Aug 18, 2025

Anatomy of an LOI

In wealth management M&A, the Letter of Intent (LOI) is a critical milestone. Before an LOI is signed, there are usually many conversations to confirm cultural and strategic fit. Once both the buyer and seller are aligned and ready to move forward an LOI is signed. This is the point where a concept turns into a formal deal framework but before a final purchase agreement is drafted.

An LOI is a non-binding agreement that outlines the intent to work toward a deal without obligating either party to finalize a deal. The LOI provides an overview of how the transaction will be structured and a target close date. While most of the agreement is non-binding, there are binding components, most notably a commitment of exclusivity. For a defined period, both parties agree to negotiate only with each other. This gives the buyer confidence to invest time and resources in due diligence without competing bids and gives the seller comfort that the buyer is serious.

While every LOI is unique, most contain a common set of terms that set the tone for negotiations and define how both sides will proceed. Here’s a breakdown of the main components:

1. Transaction Structure: Asset Purchase vs. Share Purchase

The LOI outlines how the overall transaction will be structured. In most cases, a deal is structured as either an asset purchase deal or a share purchase. The main difference being:

  • In the case of an asset purchase, the buyer acquires specific assets and assumes selected liabilities. In most wealth management transactions, the asset would be the client list, goodwill, intellectual property and all associated revenues. This is usually the simplest and cleanest way to structure a deal. From the buyer’s perspective, this gives them more control over what they buy without taking on any unnecessary liabilities.
  • With a share purchase, the buyer acquires the entire corporate entity, including all past, present and future liabilities including unknown ones that could arise from tax audits, legal disputes or compliance issues. To mitigate risk, the buyer will typically require a robust list of representations, warranties and indemnities to be included in the final agreement. More complicated, yes, but selling the shares of a qualified small business corporation can be advantageous for the seller provided they meet the requirements for the lifetime capital gains exemption (LCGE).

2. Purchase Price and Structure

An LOI typically provides a headline purchase price or formula for the deal which is expressed as a multiple of revenue or EBITDA. It will also outline how the total proceeds will be paid to the seller. Some of the considerations will include:

  • Proceeds payable at close vs. deferred payments: In most cases, the bulk of the proceeds will be paid up front. This is usually somewhere between 50 to 80%. The remaining balance is then paid after a defined period (e.g. 12 months after close) provided certain conditions are met. The deferred payment can be a measure of revenue retention, organic growth rate, EBITDA, or some combination of these. The LOI will sometimes include an appendix detailing the factors required to receive some or all the deferred payment amount.
  • Cash vs. Equity: In many cases the acquiring firm will provide the seller with equity as a portion of the total deal proceeds. There is a benefit for both the buyer and seller to have equity form part of the total proceeds. The seller gets the opportunity to participate in future growth of their new firm. Providing equity means less cash to pay out for the buyer and shows that the seller has “skin in the game” and wants to help grow the company after joining.
  • Revenue or EBITDA Multiple: The total proceeds are calculated by using a multiple of revenue or EBITDA. This multiple will typically be used to determine the final amount owing at closing.

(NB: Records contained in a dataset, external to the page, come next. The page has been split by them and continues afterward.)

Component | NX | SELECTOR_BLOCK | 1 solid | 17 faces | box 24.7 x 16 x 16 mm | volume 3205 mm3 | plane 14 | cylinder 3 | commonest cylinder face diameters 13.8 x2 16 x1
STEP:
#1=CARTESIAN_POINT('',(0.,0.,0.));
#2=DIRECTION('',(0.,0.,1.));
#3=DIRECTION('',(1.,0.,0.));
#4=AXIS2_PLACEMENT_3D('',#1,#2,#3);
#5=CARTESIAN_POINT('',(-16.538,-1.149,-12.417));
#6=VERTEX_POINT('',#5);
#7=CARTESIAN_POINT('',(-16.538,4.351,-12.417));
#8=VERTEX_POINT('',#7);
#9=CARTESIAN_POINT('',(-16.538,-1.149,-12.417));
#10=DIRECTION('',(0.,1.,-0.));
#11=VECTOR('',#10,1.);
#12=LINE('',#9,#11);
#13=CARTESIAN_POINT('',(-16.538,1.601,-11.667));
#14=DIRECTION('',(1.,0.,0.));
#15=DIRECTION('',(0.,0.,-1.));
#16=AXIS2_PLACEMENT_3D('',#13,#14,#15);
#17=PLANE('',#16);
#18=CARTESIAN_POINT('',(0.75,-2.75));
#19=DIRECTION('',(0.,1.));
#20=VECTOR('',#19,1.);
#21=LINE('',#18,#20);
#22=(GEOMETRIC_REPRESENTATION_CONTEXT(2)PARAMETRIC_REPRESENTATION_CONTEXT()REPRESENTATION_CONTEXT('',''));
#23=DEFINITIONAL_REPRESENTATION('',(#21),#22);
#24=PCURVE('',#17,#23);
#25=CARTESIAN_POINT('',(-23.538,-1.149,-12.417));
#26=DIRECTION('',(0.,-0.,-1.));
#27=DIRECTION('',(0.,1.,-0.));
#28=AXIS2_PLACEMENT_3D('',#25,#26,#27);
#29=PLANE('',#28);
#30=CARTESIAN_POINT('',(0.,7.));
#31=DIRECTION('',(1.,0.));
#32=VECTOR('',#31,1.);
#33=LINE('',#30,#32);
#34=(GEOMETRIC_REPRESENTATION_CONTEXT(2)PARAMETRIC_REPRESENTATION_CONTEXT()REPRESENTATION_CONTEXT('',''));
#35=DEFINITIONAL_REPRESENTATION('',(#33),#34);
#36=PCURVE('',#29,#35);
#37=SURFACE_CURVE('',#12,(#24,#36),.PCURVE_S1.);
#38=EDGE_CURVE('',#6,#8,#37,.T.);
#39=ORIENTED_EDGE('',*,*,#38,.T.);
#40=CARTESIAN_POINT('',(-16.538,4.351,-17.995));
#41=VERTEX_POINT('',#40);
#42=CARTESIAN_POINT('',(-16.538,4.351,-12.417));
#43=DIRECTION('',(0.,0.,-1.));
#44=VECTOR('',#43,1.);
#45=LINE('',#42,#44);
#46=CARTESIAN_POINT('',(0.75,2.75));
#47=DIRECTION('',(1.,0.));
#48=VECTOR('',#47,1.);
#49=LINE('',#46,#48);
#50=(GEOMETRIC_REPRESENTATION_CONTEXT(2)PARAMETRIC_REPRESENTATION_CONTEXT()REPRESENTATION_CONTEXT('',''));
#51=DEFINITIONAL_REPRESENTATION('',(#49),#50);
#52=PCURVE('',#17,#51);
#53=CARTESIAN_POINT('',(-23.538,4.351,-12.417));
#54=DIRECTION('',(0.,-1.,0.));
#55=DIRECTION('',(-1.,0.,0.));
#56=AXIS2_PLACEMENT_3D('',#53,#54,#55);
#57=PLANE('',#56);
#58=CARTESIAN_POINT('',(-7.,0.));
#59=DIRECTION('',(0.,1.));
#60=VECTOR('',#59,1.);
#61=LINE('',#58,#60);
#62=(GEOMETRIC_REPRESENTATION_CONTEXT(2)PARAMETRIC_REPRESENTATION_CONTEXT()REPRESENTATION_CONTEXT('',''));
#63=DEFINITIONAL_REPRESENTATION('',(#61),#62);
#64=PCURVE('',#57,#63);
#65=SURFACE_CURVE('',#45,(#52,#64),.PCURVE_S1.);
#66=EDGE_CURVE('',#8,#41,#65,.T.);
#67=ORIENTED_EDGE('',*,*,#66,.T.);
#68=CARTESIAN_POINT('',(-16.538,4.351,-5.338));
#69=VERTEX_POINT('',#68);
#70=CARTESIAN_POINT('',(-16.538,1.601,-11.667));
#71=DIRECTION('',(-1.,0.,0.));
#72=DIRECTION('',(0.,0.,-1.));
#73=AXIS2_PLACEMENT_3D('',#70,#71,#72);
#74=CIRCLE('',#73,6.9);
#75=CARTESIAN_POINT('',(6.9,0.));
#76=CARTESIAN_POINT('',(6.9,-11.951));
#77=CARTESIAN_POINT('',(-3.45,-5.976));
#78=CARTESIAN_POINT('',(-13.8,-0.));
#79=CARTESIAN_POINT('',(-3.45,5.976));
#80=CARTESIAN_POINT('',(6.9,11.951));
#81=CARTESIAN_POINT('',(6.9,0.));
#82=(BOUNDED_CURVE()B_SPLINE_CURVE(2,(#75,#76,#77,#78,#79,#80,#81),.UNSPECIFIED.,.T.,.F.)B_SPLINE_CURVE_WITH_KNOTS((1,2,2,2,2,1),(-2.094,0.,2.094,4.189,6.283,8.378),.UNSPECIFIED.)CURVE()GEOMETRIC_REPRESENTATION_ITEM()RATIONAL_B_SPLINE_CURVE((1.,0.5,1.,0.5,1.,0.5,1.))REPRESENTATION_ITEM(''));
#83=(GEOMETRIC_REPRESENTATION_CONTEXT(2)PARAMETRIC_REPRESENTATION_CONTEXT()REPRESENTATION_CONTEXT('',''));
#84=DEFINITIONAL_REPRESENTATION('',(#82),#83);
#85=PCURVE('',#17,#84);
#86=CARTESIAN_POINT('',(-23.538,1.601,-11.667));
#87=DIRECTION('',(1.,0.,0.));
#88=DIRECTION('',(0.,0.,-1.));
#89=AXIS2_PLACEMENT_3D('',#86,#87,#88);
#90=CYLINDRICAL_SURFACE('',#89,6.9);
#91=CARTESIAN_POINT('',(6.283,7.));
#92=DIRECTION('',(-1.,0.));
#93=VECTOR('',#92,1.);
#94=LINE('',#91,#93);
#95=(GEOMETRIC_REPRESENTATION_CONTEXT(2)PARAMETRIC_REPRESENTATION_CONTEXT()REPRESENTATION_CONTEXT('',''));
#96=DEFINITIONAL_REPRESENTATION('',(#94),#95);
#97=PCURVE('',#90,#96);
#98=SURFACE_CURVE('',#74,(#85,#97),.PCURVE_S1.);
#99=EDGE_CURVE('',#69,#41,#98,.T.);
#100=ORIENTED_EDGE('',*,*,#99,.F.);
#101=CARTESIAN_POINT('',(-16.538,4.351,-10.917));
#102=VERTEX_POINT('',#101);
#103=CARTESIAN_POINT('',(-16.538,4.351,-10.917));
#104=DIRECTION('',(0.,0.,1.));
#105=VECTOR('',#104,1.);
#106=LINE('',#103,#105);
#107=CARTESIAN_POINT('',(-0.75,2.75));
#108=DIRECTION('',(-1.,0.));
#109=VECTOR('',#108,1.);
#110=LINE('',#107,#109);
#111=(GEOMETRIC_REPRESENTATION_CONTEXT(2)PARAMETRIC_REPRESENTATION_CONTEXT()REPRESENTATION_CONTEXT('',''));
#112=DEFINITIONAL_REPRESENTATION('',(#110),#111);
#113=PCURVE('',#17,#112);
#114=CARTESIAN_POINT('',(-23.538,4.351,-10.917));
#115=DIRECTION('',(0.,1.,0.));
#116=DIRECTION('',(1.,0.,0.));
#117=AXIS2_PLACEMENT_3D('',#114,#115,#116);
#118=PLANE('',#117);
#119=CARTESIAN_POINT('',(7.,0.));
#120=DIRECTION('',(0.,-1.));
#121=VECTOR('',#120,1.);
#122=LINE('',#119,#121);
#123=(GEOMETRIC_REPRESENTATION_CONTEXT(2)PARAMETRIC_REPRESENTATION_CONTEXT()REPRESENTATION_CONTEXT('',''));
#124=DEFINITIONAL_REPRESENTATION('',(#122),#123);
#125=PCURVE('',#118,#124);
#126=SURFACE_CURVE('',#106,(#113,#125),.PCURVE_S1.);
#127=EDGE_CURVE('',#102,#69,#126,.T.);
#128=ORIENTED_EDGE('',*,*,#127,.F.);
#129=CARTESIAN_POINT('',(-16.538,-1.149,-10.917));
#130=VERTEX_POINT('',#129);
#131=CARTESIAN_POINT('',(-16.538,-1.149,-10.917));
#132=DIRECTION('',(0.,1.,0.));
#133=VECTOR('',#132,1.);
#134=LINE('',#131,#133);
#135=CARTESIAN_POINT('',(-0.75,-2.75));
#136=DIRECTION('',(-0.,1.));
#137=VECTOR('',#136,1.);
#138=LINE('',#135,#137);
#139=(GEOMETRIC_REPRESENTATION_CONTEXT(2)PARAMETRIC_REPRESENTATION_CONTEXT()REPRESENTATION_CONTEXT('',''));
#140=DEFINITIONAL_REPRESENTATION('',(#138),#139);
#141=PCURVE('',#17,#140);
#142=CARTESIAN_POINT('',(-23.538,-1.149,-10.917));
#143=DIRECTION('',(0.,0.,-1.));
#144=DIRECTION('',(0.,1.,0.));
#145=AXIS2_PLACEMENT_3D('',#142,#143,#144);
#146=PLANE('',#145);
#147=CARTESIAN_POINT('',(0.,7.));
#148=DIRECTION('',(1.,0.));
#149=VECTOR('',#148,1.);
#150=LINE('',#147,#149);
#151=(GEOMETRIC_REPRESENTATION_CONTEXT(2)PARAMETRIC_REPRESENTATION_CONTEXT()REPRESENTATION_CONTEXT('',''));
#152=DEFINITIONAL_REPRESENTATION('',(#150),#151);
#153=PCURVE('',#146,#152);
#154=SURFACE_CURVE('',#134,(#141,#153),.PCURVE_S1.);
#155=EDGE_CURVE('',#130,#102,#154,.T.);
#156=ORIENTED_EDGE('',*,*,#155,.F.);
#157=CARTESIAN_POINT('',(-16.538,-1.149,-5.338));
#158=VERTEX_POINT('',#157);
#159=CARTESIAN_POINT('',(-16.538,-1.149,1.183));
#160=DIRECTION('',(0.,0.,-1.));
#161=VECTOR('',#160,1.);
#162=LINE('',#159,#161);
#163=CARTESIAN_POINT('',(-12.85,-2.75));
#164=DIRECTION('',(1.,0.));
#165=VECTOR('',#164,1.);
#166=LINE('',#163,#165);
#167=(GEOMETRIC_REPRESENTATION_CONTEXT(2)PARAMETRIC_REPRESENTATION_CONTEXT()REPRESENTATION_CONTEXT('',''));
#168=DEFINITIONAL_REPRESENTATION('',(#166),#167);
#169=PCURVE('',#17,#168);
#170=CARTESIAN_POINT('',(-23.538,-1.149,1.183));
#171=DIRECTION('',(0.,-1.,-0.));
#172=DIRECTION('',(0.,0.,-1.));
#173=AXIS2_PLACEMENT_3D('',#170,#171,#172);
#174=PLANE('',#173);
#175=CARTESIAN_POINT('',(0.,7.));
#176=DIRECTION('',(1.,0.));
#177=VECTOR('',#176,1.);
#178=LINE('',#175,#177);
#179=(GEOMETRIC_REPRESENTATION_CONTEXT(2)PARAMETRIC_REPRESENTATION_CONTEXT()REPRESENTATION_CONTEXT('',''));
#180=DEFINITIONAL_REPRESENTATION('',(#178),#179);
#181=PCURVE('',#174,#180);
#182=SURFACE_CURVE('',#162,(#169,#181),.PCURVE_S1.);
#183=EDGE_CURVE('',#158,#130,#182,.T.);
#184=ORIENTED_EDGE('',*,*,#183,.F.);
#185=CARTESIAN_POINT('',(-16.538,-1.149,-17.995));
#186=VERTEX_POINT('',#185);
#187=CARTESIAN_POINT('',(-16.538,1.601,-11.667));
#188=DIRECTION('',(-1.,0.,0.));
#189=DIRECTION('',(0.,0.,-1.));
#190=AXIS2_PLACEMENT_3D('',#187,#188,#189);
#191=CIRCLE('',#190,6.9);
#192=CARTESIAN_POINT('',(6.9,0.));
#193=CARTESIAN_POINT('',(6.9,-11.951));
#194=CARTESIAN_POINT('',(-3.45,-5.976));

The purchase price included in the deal is the best estimate of total proceeds based on the initial pro forma financial analysis. Through the due diligence period, the final amount will be updated using more recent financials and after factoring in all relevant expense and revenue adjustments.

3. Conditions of Closing

The LOI will list key items that must be satisfied before the deal can close, such as:

  • The seller confirms that they have exclusive solicitation rights for the client list that is being considered in the transaction.
  • After close there may be a requirement for team members to enter signed employment agreements.
  • Seller will be required to provide detailed financial statements for the past three to five years.
  • Full disclosure of all material contracts, liabilities, and obligations.
  • Details of regulatory approvals, where applicable.

4. Confidentiality

LOIs typically reaffirm confidentiality obligations already in place, often from a prior non-disclosure agreement (NDA). Both sides agree to keep deal terms, negotiations, and sensitive business information private regardless of the outcome.

5. Legal Costs

Each party is responsible for its own legal costs. This ensures neither side is burdened with the other’s professional fees if the deal does not proceed.

While the LOI is not the final agreement, it is more than just a “letter of good intentions.” It sets the blueprint for the deal, frames the key points, and creates the conditions under which both sides will work toward a successful close. A well-drafted LOI reduces surprises later.